# help - piranha seems sick



## edfluke (Apr 30, 2005)

My red bellied piranha has some white type stuff appearing on his/nose mouth and gills. Looks like some sort of slimy film. He seems to be having trouble breathing (keeps opening his mouth and swimming to surface) and is swimming funny. He is in a 55 gallon tank alone and is about 6 inches. I change the water pretty regularly. Just did a 50% change but does not seem to be help much. Any ideas what this might be? Not having and luck getting a good pic that shows is.


----------



## AE Aquatics (Alex) (Jan 15, 2006)

edfluke said:


> My red bellied piranha has some white type stuff appearing on his/nose mouth and gills. Looks like some sort of slimy film. He seems to be having trouble breathing (keeps opening his mouth and swimming to surface) and is swimming funny. He is in a 55 gallon tank alone and is about 6 inches. I change the water pretty regularly. Just did a 50% change but does not seem to be help much. Any ideas what this might be? Not having and luck getting a good pic that shows is.


Water parameters would help.


----------



## bob351 (Oct 23, 2005)

does this look like it


----------



## edfluke (Apr 30, 2005)

Sadly i found him dead when i got home from work. Here is what it looked like. Any ideas what this is?
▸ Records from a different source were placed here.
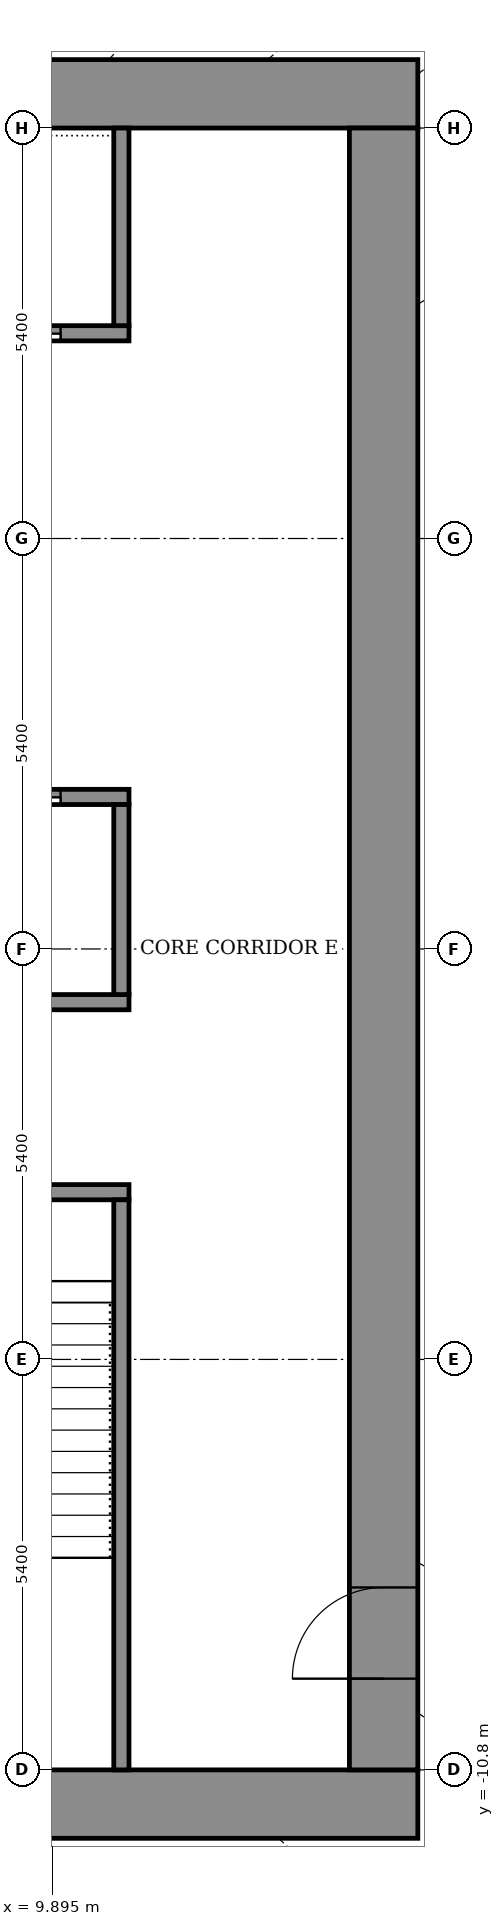
"""IFC4 building model, lengths in metres.
Left out: names, types, materials, properties, quantities, classifications, styles, units other than length and angle.
Written with IfcOpenShell. Run it as: python <this file> out.ifc"""

import sys

from ifc_helpers import new_model, si_unit, direction, frame, frame_2d, origin, place, context, subcontext, project, spatial, rectangle, extrude, element, fill, save


model = new_model("IFC4")
c1 = context("Model", 3, precision=1e-05, world=origin(), true_north=direction((0.0, 1.0)))
c2 = subcontext(c1, "Body", "Model", "MODEL_VIEW")
j1 = project(units=[si_unit("LENGTHUNIT", "METRE"), si_unit("PLANEANGLEUNIT", "RADIAN")], contexts=[c1])
p1 = place(None, origin())
s1 = spatial("IfcSite", under=j1, at=p1, CompositionType="ELEMENT")
p2 = place(p1, origin())
s2 = spatial("IfcBuilding", under=s1, at=p2, CompositionType="ELEMENT")
p3 = place(p2, frame((0.0, 0.0, 170.7)))
s3 = spatial("IfcBuildingStorey", under=s2, at=p3, CompositionType="ELEMENT", Elevation=170.7)
for number, where, z_axis, x_axis in (
    (1, (-14.7, -11.25, 0.0), (0.0, 0.0, 1.0), (1.0, 0.0, 0.0)),
    (2, (-14.7, 11.25, 0.0), (0.0, 0.0, 1.0), (1.0, 0.0, 0.0)),
):
    element("IfcWall", number, at=place(p3, frame(where, z_axis=z_axis, x_axis=x_axis)), inside=s3, PredefinedType="SHEAR", context=c2, shape_type="SweptSolid", body=[
        extrude(rectangle(XDim=29.4, YDim=0.9, at=frame_2d((14.7, 0.0))), origin(), (0.0, 0.0, 1.0), 4.6),
    ])
p4 = place(p3, frame((14.25, -10.8, 0.0), z_axis=(0.0, 0.0, 1.0), x_axis=(0.0, 1.0, 0.0)))
e3 = element("IfcWall", 3, at=p4, inside=s3, PredefinedType="SHEAR", context=c2, shape_type="SweptSolid", body=[
    extrude(rectangle(XDim=21.6, YDim=0.9, at=frame_2d((10.8, 0.0))), origin(), (0.0, 0.0, 1.0), 4.6),
])
p5 = place(p4, frame((1.2, 0.0, 0.0)))
e4 = element("IfcOpeningElement", 4, at=p5, cuts=e3, PredefinedType="OPENING", context=c2, shape_type="SweptSolid", body=[
    extrude(rectangle(XDim=1.2, YDim=2.1, at=frame_2d((0.6, 1.05))), frame((0.0, 0.46, 0.0), z_axis=(0.0, -1.0, 0.0), x_axis=(1.0, 0.0, 0.0)), (0.0, 0.0, 1.0), 0.92),
])
p6 = place(p3, frame((-10.9, -3.2, 0.0), z_axis=(0.0, 0.0, 1.0), x_axis=(1.0, 0.0, 0.0)))
e5 = element("IfcWall", 5, at=p6, inside=s3, PredefinedType="SHEAR", context=c2, shape_type="SweptSolid", body=[
    extrude(rectangle(XDim=21.8, YDim=0.2, at=frame_2d((10.9, 0.0))), origin(), (0.0, 0.0, 1.0), 4.05),
])
p7 = place(p6, frame((1.075, 0.0, 0.0)))
e6 = element("IfcOpeningElement", 6, at=p7, cuts=e5, PredefinedType="OPENING", context=c2, shape_type="SweptSolid", body=[
    extrude(rectangle(XDim=1.1, YDim=2.1, at=frame_2d((0.55, 1.05))), frame((0.0, 0.11, 0.0), z_axis=(0.0, -1.0, 0.0), x_axis=(1.0, 0.0, 0.0)), (0.0, 0.0, 1.0), 0.22),
])
p8 = place(p6, frame((10.325, 0.0, 0.0)))
e7 = element("IfcOpeningElement", 7, at=p8, cuts=e5, PredefinedType="OPENING", context=c2, shape_type="SweptSolid", body=[
    extrude(rectangle(XDim=1.1, YDim=2.1, at=frame_2d((0.55, 1.05))), frame((0.0, 0.11, 0.0), z_axis=(0.0, -1.0, 0.0), x_axis=(1.0, 0.0, 0.0)), (0.0, 0.0, 1.0), 0.22),
])
p9 = place(p6, frame((19.625, 0.0, 0.0)))
e8 = element("IfcOpeningElement", 8, at=p9, cuts=e5, PredefinedType="OPENING", context=c2, shape_type="SweptSolid", body=[
    extrude(rectangle(XDim=1.1, YDim=2.1, at=frame_2d((0.55, 1.05))), frame((0.0, 0.11, 0.0), z_axis=(0.0, -1.0, 0.0), x_axis=(1.0, 0.0, 0.0)), (0.0, 0.0, 1.0), 0.22),
])
p10 = place(p6, frame((5.7, 0.0, 0.0)))
e9 = element("IfcOpeningElement", 9, at=p10, cuts=e5, PredefinedType="OPENING", context=c2, shape_type="SweptSolid", body=[
    extrude(rectangle(XDim=1.1, YDim=2.1, at=frame_2d((0.55, 1.05))), frame((0.0, 0.11, 0.0), z_axis=(0.0, -1.0, 0.0), x_axis=(1.0, 0.0, 0.0)), (0.0, 0.0, 1.0), 0.22),
])
p11 = place(p6, frame((14.975, 0.0, 0.0)))
e10 = element("IfcOpeningElement", 10, at=p11, cuts=e5, PredefinedType="OPENING", context=c2, shape_type="SweptSolid", body=[
    extrude(rectangle(XDim=1.1, YDim=2.1, at=frame_2d((0.55, 1.05))), frame((0.0, 0.11, 0.0), z_axis=(0.0, -1.0, 0.0), x_axis=(1.0, 0.0, 0.0)), (0.0, 0.0, 1.0), 0.22),
])
p12 = place(p3, frame((-10.9, -0.7, 0.0), z_axis=(0.0, 0.0, 1.0), x_axis=(1.0, 0.0, 0.0)))
e11 = element("IfcWall", 11, at=p12, inside=s3, PredefinedType="SHEAR", context=c2, shape_type="SweptSolid", body=[
    extrude(rectangle(XDim=21.8, YDim=0.2, at=frame_2d((10.9, 0.0))), origin(), (0.0, 0.0, 1.0), 4.05),
])
p13 = place(p3, frame((-10.9, 2.0, 0.0), z_axis=(0.0, 0.0, 1.0), x_axis=(1.0, 0.0, 0.0)))
e12 = element("IfcWall", 12, at=p13, inside=s3, PredefinedType="SHEAR", context=c2, shape_type="SweptSolid", body=[
    extrude(rectangle(XDim=21.8, YDim=0.2, at=frame_2d((10.9, 0.0))), origin(), (0.0, 0.0, 1.0), 4.05),
])
p14 = place(p13, frame((14.4, 0.0, 0.0)))
e13 = element("IfcOpeningElement", 13, at=p14, cuts=e12, PredefinedType="OPENING", context=c2, shape_type="SweptSolid", body=[
    extrude(rectangle(XDim=1.1, YDim=2.1, at=frame_2d((0.55, 1.05))), frame((0.0, 0.11, 0.0), z_axis=(0.0, -1.0, 0.0), x_axis=(1.0, 0.0, 0.0)), (0.0, 0.0, 1.0), 0.22),
])
p15 = place(p13, frame((17.1, 0.0, 0.0)))
e14 = element("IfcOpeningElement", 14, at=p15, cuts=e12, PredefinedType="OPENING", context=c2, shape_type="SweptSolid", body=[
    extrude(rectangle(XDim=1.1, YDim=2.1, at=frame_2d((0.55, 1.05))), frame((0.0, 0.11, 0.0), z_axis=(0.0, -1.0, 0.0), x_axis=(1.0, 0.0, 0.0)), (0.0, 0.0, 1.0), 0.22),
])
p16 = place(p13, frame((19.8, 0.0, 0.0)))
e15 = element("IfcOpeningElement", 15, at=p16, cuts=e12, PredefinedType="OPENING", context=c2, shape_type="SweptSolid", body=[
    extrude(rectangle(XDim=1.1, YDim=2.1, at=frame_2d((0.55, 1.05))), frame((0.0, 0.11, 0.0), z_axis=(0.0, -1.0, 0.0), x_axis=(1.0, 0.0, 0.0)), (0.0, 0.0, 1.0), 0.22),
])
p17 = place(p13, frame((1.675, 0.0, 0.0)))
e16 = element("IfcOpeningElement", 16, at=p17, cuts=e12, PredefinedType="OPENING", context=c2, shape_type="SweptSolid", body=[
    extrude(rectangle(XDim=0.9, YDim=2.1, at=frame_2d((0.45, 1.05))), frame((0.0, 0.11, 0.0), z_axis=(0.0, -1.0, 0.0), x_axis=(1.0, 0.0, 0.0)), (0.0, 0.0, 1.0), 0.22),
])
p18 = place(p13, frame((8.425, 0.0, 0.0)))
e17 = element("IfcOpeningElement", 17, at=p18, cuts=e12, PredefinedType="OPENING", context=c2, shape_type="SweptSolid", body=[
    extrude(rectangle(XDim=0.9, YDim=2.1, at=frame_2d((0.45, 1.05))), frame((0.0, 0.11, 0.0), z_axis=(0.0, -1.0, 0.0), x_axis=(1.0, 0.0, 0.0)), (0.0, 0.0, 1.0), 0.22),
])
p19 = place(p3, frame((-10.9, 8.1, 0.0), z_axis=(0.0, 0.0, 1.0), x_axis=(1.0, 0.0, 0.0)))
e18 = element("IfcWall", 18, at=p19, inside=s3, PredefinedType="SHEAR", context=c2, shape_type="SweptSolid", body=[
    extrude(rectangle(XDim=21.8, YDim=0.2, at=frame_2d((10.9, 0.0))), origin(), (0.0, 0.0, 1.0), 4.05),
])
p20 = place(p19, frame((14.4, 0.0, 0.0)))
e19 = element("IfcOpeningElement", 19, at=p20, cuts=e18, PredefinedType="OPENING", context=c2, shape_type="SweptSolid", body=[
    extrude(rectangle(XDim=1.1, YDim=2.1, at=frame_2d((0.55, 1.05))), frame((0.0, 0.11, 0.0), z_axis=(0.0, -1.0, 0.0), x_axis=(1.0, 0.0, 0.0)), (0.0, 0.0, 1.0), 0.22),
])
p21 = place(p19, frame((17.1, 0.0, 0.0)))
e20 = element("IfcOpeningElement", 20, at=p21, cuts=e18, PredefinedType="OPENING", context=c2, shape_type="SweptSolid", body=[
    extrude(rectangle(XDim=1.1, YDim=2.1, at=frame_2d((0.55, 1.05))), frame((0.0, 0.11, 0.0), z_axis=(0.0, -1.0, 0.0), x_axis=(1.0, 0.0, 0.0)), (0.0, 0.0, 1.0), 0.22),
])
p22 = place(p19, frame((19.8, 0.0, 0.0)))
e21 = element("IfcOpeningElement", 21, at=p22, cuts=e18, PredefinedType="OPENING", context=c2, shape_type="SweptSolid", body=[
    extrude(rectangle(XDim=1.1, YDim=2.1, at=frame_2d((0.55, 1.05))), frame((0.0, 0.11, 0.0), z_axis=(0.0, -1.0, 0.0), x_axis=(1.0, 0.0, 0.0)), (0.0, 0.0, 1.0), 0.22),
])
p23 = place(p19, frame((1.675, 0.0, 0.0)))
e22 = element("IfcOpeningElement", 22, at=p23, cuts=e18, PredefinedType="OPENING", context=c2, shape_type="SweptSolid", body=[
    extrude(rectangle(XDim=0.9, YDim=2.1, at=frame_2d((0.45, 1.05))), frame((0.0, 0.11, 0.0), z_axis=(0.0, -1.0, 0.0), x_axis=(1.0, 0.0, 0.0)), (0.0, 0.0, 1.0), 0.22),
])
p24 = place(p19, frame((8.425, 0.0, 0.0)))
e23 = element("IfcOpeningElement", 23, at=p24, cuts=e18, PredefinedType="OPENING", context=c2, shape_type="SweptSolid", body=[
    extrude(rectangle(XDim=0.9, YDim=2.1, at=frame_2d((0.45, 1.05))), frame((0.0, 0.11, 0.0), z_axis=(0.0, -1.0, 0.0), x_axis=(1.0, 0.0, 0.0)), (0.0, 0.0, 1.0), 0.22),
])
p25 = place(p3, frame((10.8, -10.8, 0.0), z_axis=(0.0, 0.0, 1.0), x_axis=(0.0, 1.0, 0.0)))
e24 = element("IfcWall", 24, at=p25, inside=s3, PredefinedType="SHEAR", context=c2, shape_type="SweptSolid", body=[
    extrude(rectangle(XDim=7.5, YDim=0.2, at=frame_2d((3.75, 0.0))), origin(), (0.0, 0.0, 1.0), 4.05),
])
p26 = place(p3, frame((10.8, -0.6, 0.0), z_axis=(0.0, 0.0, 1.0), x_axis=(0.0, 1.0, 0.0)))
e25 = element("IfcWall", 25, at=p26, inside=s3, PredefinedType="SHEAR", context=c2, shape_type="SweptSolid", body=[
    extrude(rectangle(XDim=2.5, YDim=0.2, at=frame_2d((1.25, 0.0))), origin(), (0.0, 0.0, 1.0), 4.05),
])
p27 = place(p3, frame((10.8, 8.2, 0.0), z_axis=(0.0, 0.0, 1.0), x_axis=(0.0, 1.0, 0.0)))
e26 = element("IfcWall", 26, at=p27, inside=s3, PredefinedType="SHEAR", context=c2, shape_type="SweptSolid", body=[
    extrude(rectangle(XDim=2.6, YDim=0.2, at=frame_2d((1.3, 0.0))), origin(), (0.0, 0.0, 1.0), 4.05),
])
p28 = place(p5, origin())
e27 = element("IfcDoor", 27, at=p28, inside=s3, OperationType="DOUBLE_DOOR_SINGLE_SWING", PredefinedType="DOOR", context=c2, shape_type="SweptSolid", body=[
    extrude(rectangle(XDim=1.2, YDim=2.1, at=frame_2d((0.6, 1.05))), frame((0.0, 0.025, 0.0), z_axis=(0.0, -1.0, 0.0), x_axis=(1.0, 0.0, 0.0)), (0.0, 0.0, 1.0), 0.05),
])
fill(e4, e27)
p29 = place(p16, origin())
e28 = element("IfcDoor", 28, at=p29, inside=s3, OperationType="SLIDING_TO_LEFT", PredefinedType="DOOR", context=c2, shape_type="SweptSolid", body=[
    extrude(rectangle(XDim=1.1, YDim=2.1, at=frame_2d((0.55, 1.05))), frame((0.0, 0.025, 0.0), z_axis=(0.0, -1.0, 0.0), x_axis=(1.0, 0.0, 0.0)), (0.0, 0.0, 1.0), 0.05),
])
fill(e15, e28)
p30 = place(p22, origin())
e29 = element("IfcDoor", 29, at=p30, inside=s3, OperationType="SLIDING_TO_LEFT", PredefinedType="DOOR", context=c2, shape_type="SweptSolid", body=[
    extrude(rectangle(XDim=1.1, YDim=2.1, at=frame_2d((0.55, 1.05))), frame((0.0, 0.025, 0.0), z_axis=(0.0, -1.0, 0.0), x_axis=(1.0, 0.0, 0.0)), (0.0, 0.0, 1.0), 0.05),
])
fill(e21, e29)
save(model, sys.argv[1])

I want to get a new fish soon, so what do i need to do to my tank to sort this out?


----------



## nswhite (Mar 23, 2005)

Looks like ammonia. Thats to bad did you cycle the tank? what where your water peremeters?


----------



## SangreRoja (Feb 18, 2006)

nswhite said:


> Looks like ammonia. Thats to bad did you cycle the tank? what where your water peremeters?


2nd that Ammonia.


----------



## flashover00 (Oct 19, 2006)

before you get a new P make sure your tank is cycled....and if it was, then figure out what went wrong


----------



## SangreRoja (Feb 18, 2006)

flashover00 said:


> before you get a new P make sure your tank is cycled....and if it was, then figure out what went wrong


By coming back to the site!!!!!!!!!!!!!


----------



## inspectahdeck34 (Dec 31, 2006)

sorry to see that dude but live and learn good luck with your next fish


----------



## edfluke (Apr 30, 2005)

He had been in the tank for nearly a year and a half ... so you think it was not cycled? Just did an amonia test (which came up zero) although i did di about a 40% water change yesterday.


----------



## nswhite (Mar 23, 2005)

What about the rest of your water peremeters?


----------



## Piranha_man (Jan 29, 2005)

Yeah, before you empty the tank, it would be great to see the full spectrum of water parameters.


----------



## Quint (Mar 25, 2004)

Paul Bearer got him


----------



## Leasure1 (Jul 24, 2006)

Post the rest of your params. if the tank was setup for that long, it should have been cycled. How long had it been since you did a water change before you did the 40%?


----------